Mrs. Aldrich lied to the police, Maria thought, and I know why. Mr. Aldrich was away and Bartley Longe dropped in on her. And stayed. And stayed a long time. She knew she was keeping that young woman waiting and she didn’t care. And then she lied bald-faced to those detectives. It was easier than to try to make an excuse for keeping Ms. Moreland waiting so long.
She brought up the tray and Nina Aldrich, propped up on pillows, grabbed the Post and saw the front page. “Oh, they did arrest her?” she said. “Walter will be furious if I’m dragged in to testify. But I’ll simply repeat what I told the detectives, and that will be that.”
Maria Garcia left the bedroom without answering. But by noon, she could stand it no longer. She had the card Detective Collins had given her and, being careful to see that Mrs. Aldrich was not on her way down in the elevator, dialed his number.

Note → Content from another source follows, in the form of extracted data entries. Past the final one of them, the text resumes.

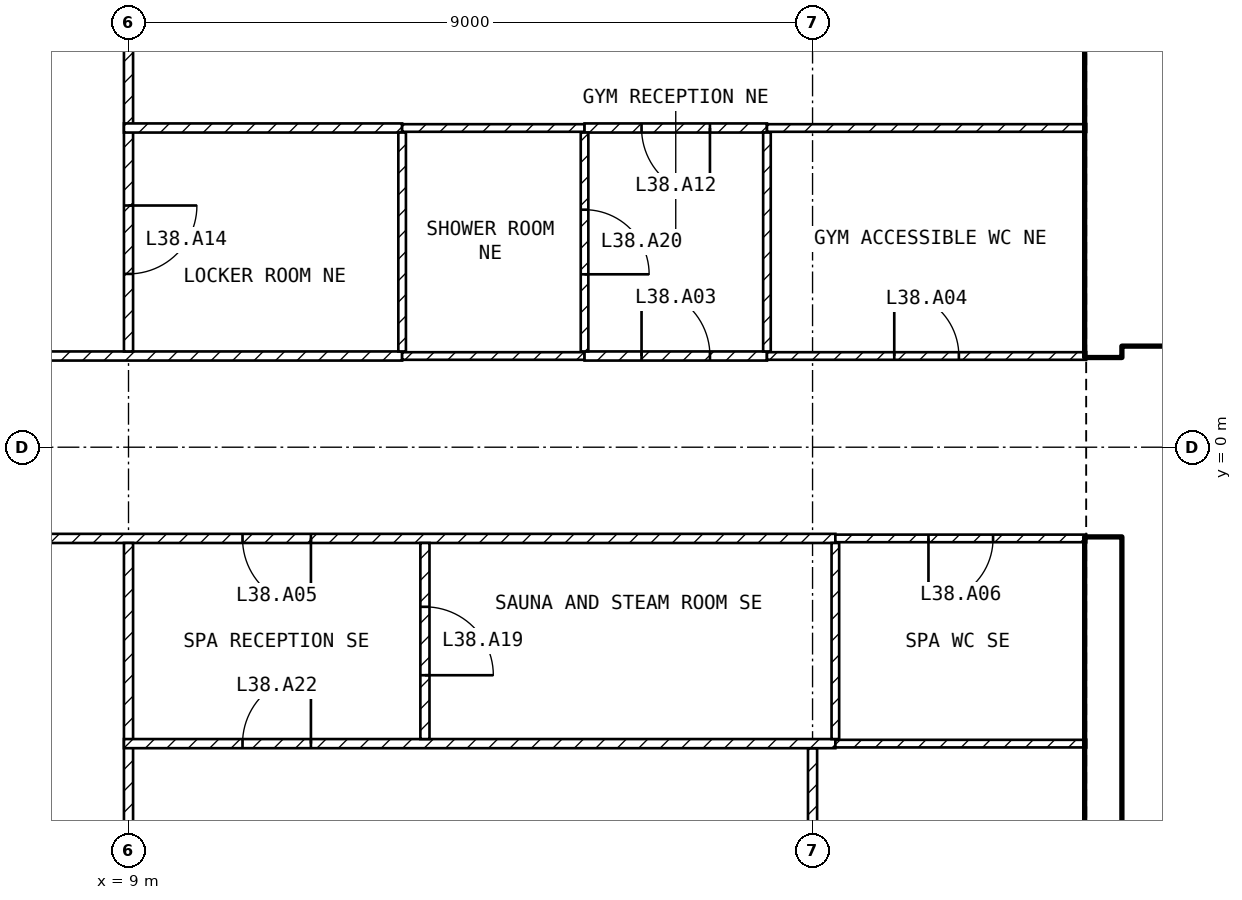
"""IFC4 building model, lengths in metres.
Left out: names, types, materials, properties, quantities, classifications, styles, units other than length and angle.
Written with IfcOpenShell. Run it as: python <this file> out.ifc"""

import sys

from ifc_helpers import new_model, si_unit, direction, frame, frame_2d, origin, place, context, subcontext, project, spatial, rectangle, extrude, element, fill, save


model = new_model("IFC4")
c1 = context("Model", 3, precision=1e-05, world=origin(), true_north=direction((0.0, 1.0)))
c2 = subcontext(c1, "Body", "Model", "MODEL_VIEW")
j1 = project(units=[si_unit("LENGTHUNIT", "METRE"), si_unit("PLANEANGLEUNIT", "RADIAN")], contexts=[c1])
p1 = place(None, origin())
s1 = spatial("IfcSite", under=j1, at=p1, CompositionType="ELEMENT")
p2 = place(p1, origin())
s2 = spatial("IfcBuilding", under=s1, at=p2, CompositionType="ELEMENT")
p3 = place(p2, frame((0.0, 0.0, 154.9)))
s3 = spatial("IfcBuildingStorey", under=s2, at=p3, CompositionType="ELEMENT", Elevation=154.9)
for number, where, z_axis, x_axis in (
    (1, (21.825, -8.1, 0.0), (0.0, 0.0, 1.0), (0.0, 1.0, 0.0)),
    (2, (21.825, 1.2, 0.0), (0.0, 0.0, 1.0), (0.0, 1.0, 0.0)),
):
    element("IfcWall", number, at=place(p3, frame(where, z_axis=z_axis, x_axis=x_axis)), inside=s3, PredefinedType="SHEAR", context=c2, shape_type="SweptSolid", body=[
        extrude(rectangle(XDim=6.9, YDim=0.45, at=frame_2d((3.45, 0.0))), origin(), (0.0, 0.0, 1.0), 6.75),
    ])
p4 = place(p3, frame((22.05, 1.45, 0.0), z_axis=(0.0, 0.0, 1.0), x_axis=(1.0, 0.0, 0.0)))
e3 = element("IfcWall", 3, at=p4, inside=s3, PredefinedType="SOLIDWALL", context=c2, shape_type="SweptSolid", body=[
    extrude(rectangle(XDim=11.0, YDim=0.2, at=frame_2d((5.5, 0.0))), origin(), (0.0, 0.0, 1.0), 6.75),
])
p5 = place(p4, frame((0.75, 0.0, 0.0)))
e4 = element("IfcOpeningElement", 4, at=p5, cuts=e3, PredefinedType="OPENING", context=c2, shape_type="SweptSolid", body=[
    extrude(rectangle(XDim=1.0, YDim=2.1, at=frame_2d((0.5, 1.05))), frame((0.0, 0.11, 0.0), z_axis=(0.0, -1.0, 0.0), x_axis=(1.0, 0.0, 0.0)), (0.0, 0.0, 1.0), 0.22),
])
p6 = place(p4, frame((3.25, 0.0, 0.0)))
e5 = element("IfcOpeningElement", 5, at=p6, cuts=e3, PredefinedType="OPENING", context=c2, shape_type="SweptSolid", body=[
    extrude(rectangle(XDim=1.0, YDim=2.1, at=frame_2d((0.5, 1.05))), frame((0.0, 0.11, 0.0), z_axis=(0.0, -1.0, 0.0), x_axis=(1.0, 0.0, 0.0)), (0.0, 0.0, 1.0), 0.22),
])
p7 = place(p4, frame((9.075, 0.0, 0.0)))
e6 = element("IfcOpeningElement", 6, at=p7, cuts=e3, PredefinedType="OPENING", context=c2, shape_type="SweptSolid", body=[
    extrude(rectangle(XDim=0.9, YDim=2.1, at=frame_2d((0.45, 1.05))), frame((0.0, 0.11, 0.0), z_axis=(0.0, -1.0, 0.0), x_axis=(1.0, 0.0, 0.0)), (0.0, 0.0, 1.0), 0.22),
])
p8 = place(p3, frame((22.05, 5.15, 0.0), z_axis=(0.0, 0.0, 1.0), x_axis=(1.0, 0.0, 0.0)))
e7 = element("IfcWall", 7, at=p8, inside=s3, PredefinedType="SOLIDWALL", context=c2, shape_type="SweptSolid", body=[
    extrude(rectangle(XDim=6.3, YDim=0.2, at=frame_2d((3.15, 0.0))), origin(), (0.0, 0.0, 1.0), 6.75),
])
p9 = place(p8, frame((0.2, 0.0, 0.0)))
e8 = element("IfcOpeningElement", 8, at=p9, cuts=e7, PredefinedType="OPENING", context=c2, shape_type="SweptSolid", body=[
    extrude(rectangle(XDim=1.0, YDim=2.1, at=frame_2d((0.5, 1.05))), frame((0.0, 0.11, 0.0), z_axis=(0.0, -1.0, 0.0), x_axis=(1.0, 0.0, 0.0)), (0.0, 0.0, 1.0), 0.22),
])
p10 = place(p3, frame((-21.6, 1.2, 0.0), z_axis=(0.0, 0.0, 1.0), x_axis=(1.0, 0.0, 0.0)))
e9 = element("IfcWall", 9, at=p10, inside=s3, PredefinedType="PARTITIONING", context=c2, shape_type="SweptSolid", body=[
    extrude(rectangle(XDim=34.2, YDim=0.12, at=frame_2d((17.1, 0.0))), origin(), (0.0, 0.0, 1.0), 6.75),
])
p11 = place(p10, frame((20.7, 0.0, 0.0)))
e10 = element("IfcOpeningElement", 10, at=p11, cuts=e9, PredefinedType="OPENING", context=c2, shape_type="SweptSolid", body=[
    extrude(rectangle(XDim=1.8, YDim=2.1, at=frame_2d((0.9, 1.05))), frame((0.0, 0.07, 0.0), z_axis=(0.0, -1.0, 0.0), x_axis=(1.0, 0.0, 0.0)), (0.0, 0.0, 1.0), 0.14),
])
p12 = place(p10, frame((6.45, 0.0, 0.0)))
e11 = element("IfcOpeningElement", 11, at=p12, cuts=e9, PredefinedType="OPENING", context=c2, shape_type="SweptSolid", body=[
    extrude(rectangle(XDim=0.9, YDim=2.1, at=frame_2d((0.45, 1.05))), frame((0.0, 0.07, 0.0), z_axis=(0.0, -1.0, 0.0), x_axis=(1.0, 0.0, 0.0)), (0.0, 0.0, 1.0), 0.14),
])
p13 = place(p3, frame((18.3, -1.2, 0.0), z_axis=(0.0, 0.0, 1.0), x_axis=(-1.0, 0.0, 0.0)))
e12 = element("IfcWall", 12, at=p13, inside=s3, PredefinedType="PARTITIONING", context=c2, shape_type="SweptSolid", body=[
    extrude(rectangle(XDim=36.3, YDim=0.12, at=frame_2d((18.15, 0.0))), origin(), (0.0, 0.0, 1.0), 6.75),
])
p14 = place(p13, frame((17.4, 0.0, 0.0)))
e13 = element("IfcOpeningElement", 13, at=p14, cuts=e12, PredefinedType="OPENING", context=c2, shape_type="SweptSolid", body=[
    extrude(rectangle(XDim=1.8, YDim=2.1, at=frame_2d((0.9, 1.05))), frame((0.0, 0.07, 0.0), z_axis=(0.0, -1.0, 0.0), x_axis=(1.0, 0.0, 0.0)), (0.0, 0.0, 1.0), 0.14),
])
p15 = place(p13, frame((6.9, 0.0, 0.0)))
e14 = element("IfcOpeningElement", 14, at=p15, cuts=e12, PredefinedType="OPENING", context=c2, shape_type="SweptSolid", body=[
    extrude(rectangle(XDim=0.9, YDim=2.1, at=frame_2d((0.45, 1.05))), frame((0.0, 0.07, 0.0), z_axis=(0.0, -1.0, 0.0), x_axis=(1.0, 0.0, 0.0)), (0.0, 0.0, 1.0), 0.14),
])
p16 = place(p13, frame((30.15, 0.0, 0.0)))
e15 = element("IfcOpeningElement", 15, at=p16, cuts=e12, PredefinedType="OPENING", context=c2, shape_type="SweptSolid", body=[
    extrude(rectangle(XDim=0.9, YDim=2.1, at=frame_2d((0.45, 1.05))), frame((0.0, 0.07, 0.0), z_axis=(0.0, -1.0, 0.0), x_axis=(1.0, 0.0, 0.0)), (0.0, 0.0, 1.0), 0.14),
])
p17 = place(p3, frame((12.6, 1.2, 0.0), z_axis=(0.0, 0.0, 1.0), x_axis=(1.0, 0.0, 0.0)))
e16 = element("IfcWall", 16, at=p17, inside=s3, PredefinedType="PARTITIONING", context=c2, shape_type="SweptSolid", body=[
    extrude(rectangle(XDim=2.4, YDim=0.1, at=frame_2d((1.2, 0.0))), origin(), (0.0, 0.0, 1.0), 6.75),
])
p18 = place(p3, frame((15.0, 1.2, 0.0), z_axis=(0.0, 0.0, 1.0), x_axis=(1.0, 0.0, 0.0)))
e17 = element("IfcWall", 17, at=p18, inside=s3, PredefinedType="PARTITIONING", context=c2, shape_type="SweptSolid", body=[
    extrude(rectangle(XDim=2.4, YDim=0.12, at=frame_2d((1.2, 0.0))), origin(), (0.0, 0.0, 1.0), 6.75),
])
p19 = place(p18, frame((0.75, 0.0, 0.0)))
e18 = element("IfcOpeningElement", 18, at=p19, cuts=e17, PredefinedType="OPENING", context=c2, shape_type="SweptSolid", body=[
    extrude(rectangle(XDim=0.9, YDim=2.1, at=frame_2d((0.45, 1.05))), frame((0.0, 0.07, 0.0), z_axis=(0.0, -1.0, 0.0), x_axis=(1.0, 0.0, 0.0)), (0.0, 0.0, 1.0), 0.14),
])
p20 = place(p3, frame((17.4, 1.2, 0.0), z_axis=(0.0, 0.0, 1.0), x_axis=(1.0, 0.0, 0.0)))
e19 = element("IfcWall", 19, at=p20, inside=s3, PredefinedType="PARTITIONING", context=c2, shape_type="SweptSolid", body=[
    extrude(rectangle(XDim=4.2, YDim=0.1, at=frame_2d((2.1, 0.0))), origin(), (0.0, 0.0, 1.0), 6.75),
])
p21 = place(p20, frame((1.675, 0.0, 0.0)))
e20 = element("IfcOpeningElement", 20, at=p21, cuts=e19, PredefinedType="OPENING", context=c2, shape_type="SweptSolid", body=[
    extrude(rectangle(XDim=0.85, YDim=2.1, at=frame_2d((0.425, 1.05))), frame((0.0, 0.06, 0.0), z_axis=(0.0, -1.0, 0.0), x_axis=(1.0, 0.0, 0.0)), (0.0, 0.0, 1.0), 0.12),
])
p22 = place(p3, frame((21.6, -1.2, 0.0), z_axis=(0.0, 0.0, 1.0), x_axis=(-1.0, 0.0, 0.0)))
e21 = element("IfcWall", 21, at=p22, inside=s3, PredefinedType="PARTITIONING", context=c2, shape_type="SweptSolid", body=[
    extrude(rectangle(XDim=3.3, YDim=0.1, at=frame_2d((1.65, 0.0))), origin(), (0.0, 0.0, 1.0), 6.75),
])
p23 = place(p22, frame((1.225, 0.0, 0.0)))
e22 = element("IfcOpeningElement", 22, at=p23, cuts=e21, PredefinedType="OPENING", context=c2, shape_type="SweptSolid", body=[
    extrude(rectangle(XDim=0.85, YDim=2.1, at=frame_2d((0.425, 1.05))), frame((0.0, 0.06, 0.0), z_axis=(0.0, -1.0, 0.0), x_axis=(1.0, 0.0, 0.0)), (0.0, 0.0, 1.0), 0.12),
])
p24 = place(p3, frame((9.0, 8.92, 0.0), z_axis=(0.0, 0.0, 1.0), x_axis=(0.0, -1.0, 0.0)))
e23 = element("IfcWall", 23, at=p24, inside=s3, PredefinedType="PARTITIONING", context=c2, shape_type="SweptSolid", body=[
    extrude(rectangle(XDim=7.66, YDim=0.12, at=frame_2d((3.83, 0.0))), origin(), (0.0, 0.0, 1.0), 6.75),
])
p25 = place(p24, frame((5.74, 0.0, 0.0)))
e24 = element("IfcOpeningElement", 24, at=p25, cuts=e23, PredefinedType="OPENING", context=c2, shape_type="SweptSolid", body=[
    extrude(rectangle(XDim=0.9, YDim=2.1, at=frame_2d((0.45, 1.05))), frame((0.0, 0.07, 0.0), z_axis=(0.0, -1.0, 0.0), x_axis=(1.0, 0.0, 0.0)), (0.0, 0.0, 1.0), 0.14),
])
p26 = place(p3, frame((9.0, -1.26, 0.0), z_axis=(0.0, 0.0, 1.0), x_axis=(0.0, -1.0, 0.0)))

In the precinct, Billy Collins was waiting for Bartley Longe who, in a rage, had accepted Detective David Feldman’s invitation to come in to the Central Park Precinct. Billy picked up the phone. He heard a tremulous voice say, “Detective Collins, I’m Maria Garcia. I’m afraid to call you because I don’t have my green card yet.”
Maria Garcia, the Aldrich housekeeper, Billy thought. What now? His voice soothing and reassuring, he said, “Mrs. Garcia, I didn’t hear you tell me that. Is there something else that you want to say?”
“Yes.” Maria took a long breath, then nervously burst out, “Detective Collins, I swear on my mother’s grave that Ms. Moreland was told by Mrs. Aldrich to meet her here at the town house that day almost two years ago. I heard her and I know why she’s lying about it. Bartley Longe, the designer, had stopped in to see Mrs. Aldrich on Beekman Place. They were having an affair. She let poor Ms. Moreland do all the work to get the job and gave it to him instead when he started flattering her. But that day, she was leaving to meet Ms. Moreland here on Sixty-ninth Street when Mr. Longe arrived. She knew perfectly well that Ms. Moreland was waiting for her, and that she’d sit there waiting until Mrs. Aldrich decided to show up.”